Al animar, el sacerdote debe hacerlo con realismo y ternura pastoral. No se trata de entusiasmar a alguien sin acompañarlo, ni de imponer un ideal inalcanzable, sino de ayudarle a preguntarse sinceramente si Dios podría estar llamándole. Por eso, la propuesta debe ir unida a la oferta de acompañamiento. El párroco debe mostrarse disponible para conversar, para orientar, para rezar junto al posible candidato. El discernimiento vocacional es un proceso que requiere tiempo, y solo florece si hay confianza y acompañamiento.

"El párroco que promueve vocaciones diaconales está fortaleciendo el cuerpo eclesial"

Finalmente, conviene recordar que animar a un hombre a ser diácono no es un gesto aislado, sino un acto de fe en la Iglesia. El párroco que promueve vocaciones diaconales está fortaleciendo el cuerpo eclesial, asegurando que en el futuro haya más servidores del Evangelio, más hombres que hagan visible el amor de Cristo en medio del mundo. Por eso, el sacerdote no debe tener miedo a “proponer demasiado”. El discernimiento posterior ya determinará si esa llamada es auténtica, pero la siembra corresponde a él. Si el párroco no siembra, difícilmente brotarán vocaciones.

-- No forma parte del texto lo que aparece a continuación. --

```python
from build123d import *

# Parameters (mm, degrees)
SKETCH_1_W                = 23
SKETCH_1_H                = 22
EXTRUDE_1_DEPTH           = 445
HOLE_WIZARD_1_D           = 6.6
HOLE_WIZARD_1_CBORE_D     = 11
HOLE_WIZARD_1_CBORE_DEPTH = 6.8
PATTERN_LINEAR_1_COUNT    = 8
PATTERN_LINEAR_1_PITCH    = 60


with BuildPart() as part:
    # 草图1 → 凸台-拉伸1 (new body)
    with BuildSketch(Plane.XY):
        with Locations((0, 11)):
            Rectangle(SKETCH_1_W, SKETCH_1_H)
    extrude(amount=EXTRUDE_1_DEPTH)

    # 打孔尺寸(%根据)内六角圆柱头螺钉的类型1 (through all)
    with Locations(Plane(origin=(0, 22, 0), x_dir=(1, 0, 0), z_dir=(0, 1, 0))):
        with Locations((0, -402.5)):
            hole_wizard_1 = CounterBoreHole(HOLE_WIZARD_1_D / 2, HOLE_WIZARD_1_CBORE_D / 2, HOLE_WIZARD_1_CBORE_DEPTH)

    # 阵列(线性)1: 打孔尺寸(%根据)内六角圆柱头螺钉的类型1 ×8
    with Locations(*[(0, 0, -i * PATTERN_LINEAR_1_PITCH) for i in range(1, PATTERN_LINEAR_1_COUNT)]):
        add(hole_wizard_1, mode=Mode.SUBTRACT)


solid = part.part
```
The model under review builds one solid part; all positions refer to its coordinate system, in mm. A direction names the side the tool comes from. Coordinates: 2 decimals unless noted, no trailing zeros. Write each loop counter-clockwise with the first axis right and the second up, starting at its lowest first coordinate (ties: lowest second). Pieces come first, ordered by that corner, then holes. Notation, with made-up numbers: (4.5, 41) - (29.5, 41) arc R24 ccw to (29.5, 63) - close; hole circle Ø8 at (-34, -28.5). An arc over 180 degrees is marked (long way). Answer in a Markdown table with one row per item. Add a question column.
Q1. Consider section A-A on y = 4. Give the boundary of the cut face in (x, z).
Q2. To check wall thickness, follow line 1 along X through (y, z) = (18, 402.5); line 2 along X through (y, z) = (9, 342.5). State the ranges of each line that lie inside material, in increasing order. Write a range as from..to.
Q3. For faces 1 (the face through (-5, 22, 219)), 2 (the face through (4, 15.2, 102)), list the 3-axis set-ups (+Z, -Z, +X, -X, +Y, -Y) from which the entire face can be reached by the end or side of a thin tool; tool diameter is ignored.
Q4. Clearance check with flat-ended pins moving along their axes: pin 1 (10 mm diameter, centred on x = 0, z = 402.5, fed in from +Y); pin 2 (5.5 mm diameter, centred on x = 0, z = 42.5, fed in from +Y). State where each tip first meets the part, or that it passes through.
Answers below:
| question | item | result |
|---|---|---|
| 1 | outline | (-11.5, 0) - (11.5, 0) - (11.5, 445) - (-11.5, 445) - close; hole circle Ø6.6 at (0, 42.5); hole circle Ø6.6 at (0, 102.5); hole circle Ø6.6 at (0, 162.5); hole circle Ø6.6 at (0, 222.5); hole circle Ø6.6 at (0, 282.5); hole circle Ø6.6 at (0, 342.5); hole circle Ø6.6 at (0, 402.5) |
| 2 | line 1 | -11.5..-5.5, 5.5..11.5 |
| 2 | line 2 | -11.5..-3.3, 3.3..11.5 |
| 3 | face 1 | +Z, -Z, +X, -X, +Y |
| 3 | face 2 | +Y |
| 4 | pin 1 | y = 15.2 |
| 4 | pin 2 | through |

Así pues, ¿a quién debe animar el párroco? A todo aquel hombre adulto que ame a la Iglesia, que sirva con alegría, que sea fiel en lo pequeño y que viva su fe de manera sencilla y constante. No importa su profesión, su nivel cultural o su estilo de vida; lo que cuenta es su disponibilidad para servir y su comunión con la Iglesia. A esos hombres hay que invitarlos, sin miedo, a mirar hacia el diaconado. Porque quizá, en muchos de ellos, el Señor lleva tiempo llamando en silencio, esperando solo que un párroco creyente, valiente y cercano les ayude a escuchar su voz.